Jakarta, Netral.co.id – Kualitas udara di DKI Jakarta kembali menjadi sorotan dunia. Berdasarkan pemantauan situs kualitas udara global IQAir, Senin 2 Juni 2025, indeks kualitas udara (Air Quality Index/AQI) Jakarta tercatat di angka 140, yang dikategorikan tidak sehat bagi kelompok sensitif.
Dengan angka tersebut, Jakarta menempati posisi kelima sebagai kota dengan kualitas udara terburuk di dunia. Di atasnya, tercatat Addis Ababa (Ethiopia) dengan AQI 164, Dhaka (Bangladesh) 160, dan Kinshasa (Kongo) 156.
Menanggapi kondisi tersebut, Pemerintah Provinsi DKI Jakarta melalui Dinas Lingkungan Hidup (DLH) mengajak masyarakat turut berkontribusi dalam mengurangi polusi udara, khususnya emisi dari sektor transportasi.
“Kami mengajak warga dan para komuter untuk mulai membiasakan mobilitas yang ramah lingkungan, seperti menggunakan transportasi umum, berjalan kaki, atau bersepeda,” ujar Kepala DLH DKI Jakarta, Asep Kuswanto, Minggu 1 Juni 2025.
Upaya ini dikemas dalam kampanye #GerakLebihBersih yang berlangsung 7–20 Juni 2025, bertepatan dengan peringatan Hari Lingkungan Hidup Sedunia. Program ini merupakan hasil kolaborasi antara Pemprov DKI Jakarta, Clean Air Asia (CAA), dan Breathe Jakarta.
Baca Juga : Komnas Perempuan Angkat Bicara Soal Pergub Poligami DKI Jakarta
Kampanye ini juga diperkuat melalui Instruksi Gubernur DKI Jakarta Nomor 6 Tahun 2025 tentang kewajiban penggunaan angkutan umum massal oleh ASN setiap hari Rabu.
Warga yang ingin berpartisipasi dapat mendaftar melalui laman udarakitabersih.id, dengan mengisi formulir harian terkait moda transportasi, jenis bahan bakar, dan jarak tempuh.
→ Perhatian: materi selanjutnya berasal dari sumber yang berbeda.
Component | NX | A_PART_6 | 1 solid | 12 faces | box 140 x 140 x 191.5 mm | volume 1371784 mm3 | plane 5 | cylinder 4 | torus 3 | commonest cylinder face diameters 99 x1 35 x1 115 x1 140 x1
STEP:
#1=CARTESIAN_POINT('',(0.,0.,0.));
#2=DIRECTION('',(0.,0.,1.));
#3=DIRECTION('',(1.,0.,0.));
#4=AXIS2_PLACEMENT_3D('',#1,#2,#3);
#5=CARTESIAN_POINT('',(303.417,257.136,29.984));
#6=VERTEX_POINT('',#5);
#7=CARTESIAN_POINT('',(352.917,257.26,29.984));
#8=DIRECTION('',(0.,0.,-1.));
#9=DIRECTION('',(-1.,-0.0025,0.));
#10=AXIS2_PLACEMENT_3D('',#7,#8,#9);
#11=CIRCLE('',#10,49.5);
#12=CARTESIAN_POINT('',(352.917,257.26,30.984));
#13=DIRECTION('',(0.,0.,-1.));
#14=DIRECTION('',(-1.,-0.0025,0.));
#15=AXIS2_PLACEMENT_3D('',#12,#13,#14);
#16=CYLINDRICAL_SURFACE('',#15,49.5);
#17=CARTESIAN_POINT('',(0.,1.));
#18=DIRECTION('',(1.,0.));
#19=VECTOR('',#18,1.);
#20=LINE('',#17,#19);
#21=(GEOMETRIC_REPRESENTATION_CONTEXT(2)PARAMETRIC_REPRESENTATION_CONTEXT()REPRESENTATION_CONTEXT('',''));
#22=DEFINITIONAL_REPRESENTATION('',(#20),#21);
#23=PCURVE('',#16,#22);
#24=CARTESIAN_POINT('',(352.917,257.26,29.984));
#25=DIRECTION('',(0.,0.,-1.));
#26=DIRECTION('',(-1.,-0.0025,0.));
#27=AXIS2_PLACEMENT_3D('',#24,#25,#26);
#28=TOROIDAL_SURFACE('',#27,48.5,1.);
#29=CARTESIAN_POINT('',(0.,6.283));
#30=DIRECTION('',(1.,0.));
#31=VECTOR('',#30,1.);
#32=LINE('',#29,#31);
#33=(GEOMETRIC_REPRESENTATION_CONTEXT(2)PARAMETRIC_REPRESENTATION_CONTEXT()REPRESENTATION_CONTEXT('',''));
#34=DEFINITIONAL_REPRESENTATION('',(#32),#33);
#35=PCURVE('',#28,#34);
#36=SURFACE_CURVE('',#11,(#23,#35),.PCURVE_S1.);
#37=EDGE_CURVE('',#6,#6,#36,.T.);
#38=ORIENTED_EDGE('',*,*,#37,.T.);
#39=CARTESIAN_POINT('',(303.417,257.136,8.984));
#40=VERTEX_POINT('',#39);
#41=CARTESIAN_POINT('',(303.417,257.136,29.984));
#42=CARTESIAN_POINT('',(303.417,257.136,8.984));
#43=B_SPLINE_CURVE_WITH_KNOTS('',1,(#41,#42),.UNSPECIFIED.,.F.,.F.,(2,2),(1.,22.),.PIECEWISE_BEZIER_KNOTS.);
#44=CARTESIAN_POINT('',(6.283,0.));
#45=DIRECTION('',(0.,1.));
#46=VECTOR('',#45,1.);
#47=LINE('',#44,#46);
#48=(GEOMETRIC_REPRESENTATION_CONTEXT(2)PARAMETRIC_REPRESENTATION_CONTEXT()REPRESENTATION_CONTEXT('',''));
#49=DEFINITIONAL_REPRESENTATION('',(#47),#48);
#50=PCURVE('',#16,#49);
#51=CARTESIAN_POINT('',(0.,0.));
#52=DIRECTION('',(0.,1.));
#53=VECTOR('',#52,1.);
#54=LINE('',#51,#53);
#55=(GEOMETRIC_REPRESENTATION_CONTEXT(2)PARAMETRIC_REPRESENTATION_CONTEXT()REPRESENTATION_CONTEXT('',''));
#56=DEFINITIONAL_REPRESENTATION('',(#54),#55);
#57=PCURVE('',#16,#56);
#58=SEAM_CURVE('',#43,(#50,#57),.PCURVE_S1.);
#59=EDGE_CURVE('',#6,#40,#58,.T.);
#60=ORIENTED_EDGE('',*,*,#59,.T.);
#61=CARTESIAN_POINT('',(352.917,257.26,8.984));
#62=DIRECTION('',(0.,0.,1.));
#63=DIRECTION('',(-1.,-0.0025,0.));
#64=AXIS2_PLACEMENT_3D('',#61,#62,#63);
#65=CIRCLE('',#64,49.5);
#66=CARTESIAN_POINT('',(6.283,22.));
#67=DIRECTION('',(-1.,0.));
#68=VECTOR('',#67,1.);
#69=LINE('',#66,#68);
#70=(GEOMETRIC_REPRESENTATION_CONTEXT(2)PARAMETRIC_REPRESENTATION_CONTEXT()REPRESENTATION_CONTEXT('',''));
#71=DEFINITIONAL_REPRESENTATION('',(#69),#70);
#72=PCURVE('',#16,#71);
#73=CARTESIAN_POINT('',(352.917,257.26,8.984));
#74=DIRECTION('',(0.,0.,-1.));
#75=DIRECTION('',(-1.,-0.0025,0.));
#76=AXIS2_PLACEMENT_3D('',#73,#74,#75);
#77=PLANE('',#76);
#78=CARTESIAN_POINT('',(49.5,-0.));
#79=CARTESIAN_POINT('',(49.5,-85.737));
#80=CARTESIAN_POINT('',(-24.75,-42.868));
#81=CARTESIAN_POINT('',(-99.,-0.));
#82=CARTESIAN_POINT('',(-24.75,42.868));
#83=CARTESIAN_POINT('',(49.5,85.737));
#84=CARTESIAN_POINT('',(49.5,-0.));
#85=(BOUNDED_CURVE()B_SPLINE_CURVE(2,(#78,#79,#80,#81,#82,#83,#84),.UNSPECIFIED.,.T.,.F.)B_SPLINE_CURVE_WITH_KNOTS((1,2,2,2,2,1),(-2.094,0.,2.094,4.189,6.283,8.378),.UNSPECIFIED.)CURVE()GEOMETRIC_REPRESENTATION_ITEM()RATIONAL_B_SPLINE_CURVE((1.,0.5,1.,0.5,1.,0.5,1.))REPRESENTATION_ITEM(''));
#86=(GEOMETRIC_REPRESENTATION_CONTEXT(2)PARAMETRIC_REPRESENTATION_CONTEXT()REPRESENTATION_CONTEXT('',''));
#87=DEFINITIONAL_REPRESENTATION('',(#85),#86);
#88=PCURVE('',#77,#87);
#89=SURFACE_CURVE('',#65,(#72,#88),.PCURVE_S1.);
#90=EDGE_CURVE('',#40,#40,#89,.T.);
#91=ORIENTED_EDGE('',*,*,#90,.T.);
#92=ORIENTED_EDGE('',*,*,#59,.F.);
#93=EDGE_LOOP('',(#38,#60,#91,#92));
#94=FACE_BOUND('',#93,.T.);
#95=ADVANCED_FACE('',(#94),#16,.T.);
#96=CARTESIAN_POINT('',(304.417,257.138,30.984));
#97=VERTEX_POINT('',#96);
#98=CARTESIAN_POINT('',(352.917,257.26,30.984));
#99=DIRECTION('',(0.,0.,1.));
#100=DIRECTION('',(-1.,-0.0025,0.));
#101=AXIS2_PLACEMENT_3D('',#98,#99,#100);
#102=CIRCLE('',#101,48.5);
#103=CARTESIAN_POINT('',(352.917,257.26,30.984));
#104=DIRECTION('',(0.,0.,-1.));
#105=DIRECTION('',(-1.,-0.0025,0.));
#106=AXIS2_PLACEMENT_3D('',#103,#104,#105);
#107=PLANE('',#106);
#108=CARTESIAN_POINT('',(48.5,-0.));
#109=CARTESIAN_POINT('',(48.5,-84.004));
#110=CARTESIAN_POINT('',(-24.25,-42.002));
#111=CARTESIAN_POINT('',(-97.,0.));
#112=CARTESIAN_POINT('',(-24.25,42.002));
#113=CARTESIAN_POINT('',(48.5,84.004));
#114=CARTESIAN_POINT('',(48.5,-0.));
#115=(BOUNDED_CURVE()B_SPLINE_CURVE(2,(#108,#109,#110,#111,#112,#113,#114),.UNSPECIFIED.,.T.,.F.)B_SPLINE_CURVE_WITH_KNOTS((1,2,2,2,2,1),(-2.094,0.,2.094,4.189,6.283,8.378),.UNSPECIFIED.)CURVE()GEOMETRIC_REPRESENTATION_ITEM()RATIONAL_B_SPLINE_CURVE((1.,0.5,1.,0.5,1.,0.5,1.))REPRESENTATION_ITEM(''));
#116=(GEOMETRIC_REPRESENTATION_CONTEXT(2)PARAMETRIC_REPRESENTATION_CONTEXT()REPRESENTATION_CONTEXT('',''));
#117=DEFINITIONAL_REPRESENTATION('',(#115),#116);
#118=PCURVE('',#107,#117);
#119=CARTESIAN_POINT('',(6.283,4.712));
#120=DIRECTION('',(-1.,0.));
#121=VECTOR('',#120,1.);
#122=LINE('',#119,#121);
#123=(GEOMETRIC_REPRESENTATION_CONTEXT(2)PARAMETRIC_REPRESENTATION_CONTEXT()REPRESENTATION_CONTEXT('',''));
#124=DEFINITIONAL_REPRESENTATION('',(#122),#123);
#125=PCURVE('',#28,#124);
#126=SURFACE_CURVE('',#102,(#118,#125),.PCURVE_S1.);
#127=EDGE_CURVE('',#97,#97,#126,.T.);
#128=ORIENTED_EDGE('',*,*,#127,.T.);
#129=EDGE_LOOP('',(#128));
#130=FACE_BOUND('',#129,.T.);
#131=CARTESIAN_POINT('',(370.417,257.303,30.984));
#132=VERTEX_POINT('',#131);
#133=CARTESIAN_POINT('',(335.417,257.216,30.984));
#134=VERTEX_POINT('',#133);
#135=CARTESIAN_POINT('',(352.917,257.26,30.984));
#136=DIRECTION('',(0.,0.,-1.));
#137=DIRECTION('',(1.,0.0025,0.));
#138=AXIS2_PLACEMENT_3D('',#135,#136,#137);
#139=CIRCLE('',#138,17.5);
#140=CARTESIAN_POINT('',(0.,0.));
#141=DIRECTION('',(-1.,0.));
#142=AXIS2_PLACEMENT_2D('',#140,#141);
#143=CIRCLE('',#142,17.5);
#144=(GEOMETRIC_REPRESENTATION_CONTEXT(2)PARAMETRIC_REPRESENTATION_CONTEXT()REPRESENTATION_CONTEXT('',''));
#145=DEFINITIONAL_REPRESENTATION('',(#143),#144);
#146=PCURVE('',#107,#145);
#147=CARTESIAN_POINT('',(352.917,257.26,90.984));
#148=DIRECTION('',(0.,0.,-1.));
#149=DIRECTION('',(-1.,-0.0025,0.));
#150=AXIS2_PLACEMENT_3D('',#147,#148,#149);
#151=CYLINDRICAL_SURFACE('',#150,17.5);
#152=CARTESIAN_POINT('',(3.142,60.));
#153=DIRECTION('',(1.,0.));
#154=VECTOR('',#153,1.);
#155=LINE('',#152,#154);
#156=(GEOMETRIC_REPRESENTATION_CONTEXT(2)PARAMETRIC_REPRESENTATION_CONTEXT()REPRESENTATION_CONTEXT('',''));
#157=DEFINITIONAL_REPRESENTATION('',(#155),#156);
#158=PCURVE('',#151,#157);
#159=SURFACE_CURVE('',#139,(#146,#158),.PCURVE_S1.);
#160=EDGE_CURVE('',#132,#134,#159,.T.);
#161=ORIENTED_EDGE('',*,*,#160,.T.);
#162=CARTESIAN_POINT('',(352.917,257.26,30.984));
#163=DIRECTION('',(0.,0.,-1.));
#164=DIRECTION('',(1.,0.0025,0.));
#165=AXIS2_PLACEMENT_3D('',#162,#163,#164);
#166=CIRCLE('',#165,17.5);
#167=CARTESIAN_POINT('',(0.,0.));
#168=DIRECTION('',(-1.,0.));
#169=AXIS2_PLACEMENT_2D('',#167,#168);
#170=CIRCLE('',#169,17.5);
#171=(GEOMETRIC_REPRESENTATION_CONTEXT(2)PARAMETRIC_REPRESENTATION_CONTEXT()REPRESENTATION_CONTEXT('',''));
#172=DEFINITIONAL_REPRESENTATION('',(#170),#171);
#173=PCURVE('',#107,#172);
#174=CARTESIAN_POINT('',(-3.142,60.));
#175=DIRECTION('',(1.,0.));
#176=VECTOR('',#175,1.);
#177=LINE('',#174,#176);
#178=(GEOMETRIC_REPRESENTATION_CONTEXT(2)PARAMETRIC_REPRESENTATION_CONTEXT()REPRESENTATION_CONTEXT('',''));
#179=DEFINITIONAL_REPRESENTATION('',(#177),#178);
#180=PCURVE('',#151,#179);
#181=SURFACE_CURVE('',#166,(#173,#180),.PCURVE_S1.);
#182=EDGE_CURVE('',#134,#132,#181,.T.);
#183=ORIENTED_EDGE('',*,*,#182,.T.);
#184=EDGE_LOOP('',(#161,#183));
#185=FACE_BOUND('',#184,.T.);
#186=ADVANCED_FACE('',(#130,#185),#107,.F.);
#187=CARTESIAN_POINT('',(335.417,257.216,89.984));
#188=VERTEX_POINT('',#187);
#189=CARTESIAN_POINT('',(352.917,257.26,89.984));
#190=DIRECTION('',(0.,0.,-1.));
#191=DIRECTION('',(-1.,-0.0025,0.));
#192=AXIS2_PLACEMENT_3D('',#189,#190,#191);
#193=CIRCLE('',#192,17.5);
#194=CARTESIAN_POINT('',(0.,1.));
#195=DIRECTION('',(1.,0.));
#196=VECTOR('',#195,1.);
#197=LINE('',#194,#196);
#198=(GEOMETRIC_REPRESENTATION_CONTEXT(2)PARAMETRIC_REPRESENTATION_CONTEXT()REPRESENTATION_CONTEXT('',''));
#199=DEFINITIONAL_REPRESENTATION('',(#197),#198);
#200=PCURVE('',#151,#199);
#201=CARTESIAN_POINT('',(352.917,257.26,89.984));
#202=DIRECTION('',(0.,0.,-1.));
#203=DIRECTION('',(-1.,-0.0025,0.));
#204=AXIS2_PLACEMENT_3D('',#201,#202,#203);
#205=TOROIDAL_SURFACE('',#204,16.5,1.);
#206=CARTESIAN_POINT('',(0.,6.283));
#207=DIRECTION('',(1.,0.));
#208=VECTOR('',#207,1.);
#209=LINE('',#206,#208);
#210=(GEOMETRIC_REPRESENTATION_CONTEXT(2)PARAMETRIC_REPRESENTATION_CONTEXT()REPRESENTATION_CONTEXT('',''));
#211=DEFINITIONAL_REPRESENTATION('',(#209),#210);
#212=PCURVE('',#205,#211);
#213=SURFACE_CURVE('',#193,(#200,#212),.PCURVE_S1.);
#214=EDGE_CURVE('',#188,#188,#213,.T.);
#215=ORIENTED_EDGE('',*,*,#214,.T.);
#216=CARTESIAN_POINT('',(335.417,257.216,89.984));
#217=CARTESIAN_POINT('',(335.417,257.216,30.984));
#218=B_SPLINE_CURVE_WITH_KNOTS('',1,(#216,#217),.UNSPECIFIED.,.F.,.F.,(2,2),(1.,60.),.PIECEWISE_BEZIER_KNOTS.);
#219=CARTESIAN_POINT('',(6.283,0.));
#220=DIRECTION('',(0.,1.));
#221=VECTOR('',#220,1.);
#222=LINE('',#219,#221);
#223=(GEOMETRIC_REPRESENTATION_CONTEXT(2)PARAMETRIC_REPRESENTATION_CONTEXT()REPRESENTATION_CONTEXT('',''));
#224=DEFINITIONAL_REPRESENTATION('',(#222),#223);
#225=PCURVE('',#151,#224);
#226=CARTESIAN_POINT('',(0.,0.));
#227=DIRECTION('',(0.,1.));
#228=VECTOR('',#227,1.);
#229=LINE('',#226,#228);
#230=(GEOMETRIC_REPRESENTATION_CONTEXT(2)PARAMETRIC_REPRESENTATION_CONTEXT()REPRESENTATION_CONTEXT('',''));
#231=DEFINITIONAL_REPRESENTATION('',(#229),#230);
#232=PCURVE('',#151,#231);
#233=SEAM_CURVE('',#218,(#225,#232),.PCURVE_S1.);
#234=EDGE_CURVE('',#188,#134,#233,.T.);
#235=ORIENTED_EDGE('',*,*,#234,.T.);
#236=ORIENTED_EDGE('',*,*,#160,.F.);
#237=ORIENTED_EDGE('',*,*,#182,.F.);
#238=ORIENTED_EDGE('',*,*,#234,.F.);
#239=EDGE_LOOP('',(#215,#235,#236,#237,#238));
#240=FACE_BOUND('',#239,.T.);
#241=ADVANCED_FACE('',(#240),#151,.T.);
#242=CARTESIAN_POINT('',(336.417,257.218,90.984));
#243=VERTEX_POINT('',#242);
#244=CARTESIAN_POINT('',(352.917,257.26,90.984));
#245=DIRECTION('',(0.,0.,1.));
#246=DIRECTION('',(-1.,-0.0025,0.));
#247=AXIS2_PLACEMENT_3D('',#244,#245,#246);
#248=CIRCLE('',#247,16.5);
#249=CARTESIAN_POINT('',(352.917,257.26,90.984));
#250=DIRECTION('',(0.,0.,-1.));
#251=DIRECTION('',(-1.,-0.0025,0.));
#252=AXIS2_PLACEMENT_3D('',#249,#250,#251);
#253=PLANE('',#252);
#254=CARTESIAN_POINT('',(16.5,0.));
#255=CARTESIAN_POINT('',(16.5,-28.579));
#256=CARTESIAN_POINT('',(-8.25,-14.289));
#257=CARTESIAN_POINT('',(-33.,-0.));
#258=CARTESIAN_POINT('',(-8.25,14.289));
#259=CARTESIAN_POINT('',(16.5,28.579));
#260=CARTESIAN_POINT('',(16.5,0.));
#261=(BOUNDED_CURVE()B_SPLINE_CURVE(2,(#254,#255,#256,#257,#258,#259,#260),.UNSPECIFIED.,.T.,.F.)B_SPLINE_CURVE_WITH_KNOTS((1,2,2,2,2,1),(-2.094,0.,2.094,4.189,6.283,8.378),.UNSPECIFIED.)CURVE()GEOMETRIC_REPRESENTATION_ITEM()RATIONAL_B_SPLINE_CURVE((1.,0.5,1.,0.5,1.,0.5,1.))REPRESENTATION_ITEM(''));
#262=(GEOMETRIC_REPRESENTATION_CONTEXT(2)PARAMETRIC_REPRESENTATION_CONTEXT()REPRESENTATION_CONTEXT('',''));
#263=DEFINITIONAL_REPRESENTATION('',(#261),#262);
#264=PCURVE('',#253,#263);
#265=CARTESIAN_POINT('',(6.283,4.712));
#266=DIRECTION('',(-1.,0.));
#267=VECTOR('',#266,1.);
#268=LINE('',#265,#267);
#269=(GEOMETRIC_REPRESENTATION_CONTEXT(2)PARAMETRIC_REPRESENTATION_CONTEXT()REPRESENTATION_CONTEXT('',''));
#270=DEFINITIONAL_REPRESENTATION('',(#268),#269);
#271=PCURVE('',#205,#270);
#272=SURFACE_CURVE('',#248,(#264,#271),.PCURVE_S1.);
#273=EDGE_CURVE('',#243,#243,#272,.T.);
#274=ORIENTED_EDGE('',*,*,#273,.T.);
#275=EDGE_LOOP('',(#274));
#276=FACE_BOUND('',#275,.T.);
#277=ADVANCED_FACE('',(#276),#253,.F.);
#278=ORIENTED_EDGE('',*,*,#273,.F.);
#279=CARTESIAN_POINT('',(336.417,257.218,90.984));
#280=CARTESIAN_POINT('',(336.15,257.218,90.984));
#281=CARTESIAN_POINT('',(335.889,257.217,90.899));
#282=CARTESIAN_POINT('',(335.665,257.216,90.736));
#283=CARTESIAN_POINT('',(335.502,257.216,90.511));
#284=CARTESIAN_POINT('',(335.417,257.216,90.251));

Bukti perjalanan seperti tangkapan layar aplikasi peta atau foto perjalanan juga wajib dilampirkan.
Pada gelaran Hari Bebas Kendaraan Bermotor (Car Free Day), Minggu 1 Juni 2025, sekelompok aktivis menggelar aksi simbolik yang menarik perhatian di kawasan Bundaran HI.
Sebuah gelembung transparan raksasa ditempatkan di tengah area, menggambarkan keterasingan pengambil kebijakan dari realitas polusi udara.
Seorang perempuan berpakaian rapi berada di dalam gelembung tanpa masker, sementara para aktivis di luar gelembung mengenakan masker hitam dan membawa poster bertuliskan:
“Kok gelap? Itu mendung atau asap?”
“Polusi udara turunkan kemampuan belajar siswa.”
Menurut Irfan Toni dari organisasi 350.org, gelembung tersebut melambangkan bagaimana pemegang kebijakan hidup dalam “ruang steril” yang terputus dari dampak langsung polusi.
“Pemangku kepentingan seperti hidup dalam gelembung mereka sendiri. Menolak solusi energi bersih dan berkelanjutan,” katanya.
Aksi ini diikuti oleh sejumlah kelompok sipil seperti Koalisi Pejalan Kaki (Kopeka), Clean Mobility Collective Southeast Asia (CMCSEA), 350 Pilipinas, Yayasan Udara Anak Bangsa (Bicara Udara), dan Car Free Day Indonesia.
Mereka menegaskan bahwa udara bersih adalah hak dasar warga negara dan mendesak pemerintah untuk melakukan langkah konkret, bukan sekadar kampanye seremonial.
“Perbaikan kualitas udara yang terjadi pada April lalu lebih disebabkan fenomena alam seperti La Niña, bukan karena upaya kebijakan yang nyata,” ujar salah satu perwakilan aksi.
Kondisi ini menunjukkan bahwa pengendalian polusi tidak bisa bergantung pada cuaca atau momen tahunan semata. Diperlukan sinergi antara kebijakan pemerintah, partisipasi publik, dan keberanian beralih ke energi bersih.
Sebagaimana ditegaskan para aktivis, udara bersih adalah bagian dari hak konstitusional masyarakat, bukan kemewahan atau sekadar retorika pembangunan.
“Indonesia tidak hanya butuh kota yang berkembang secara ekonomi, tapi juga layak huni bagi kesehatan generasi masa depan,” pungkasnya.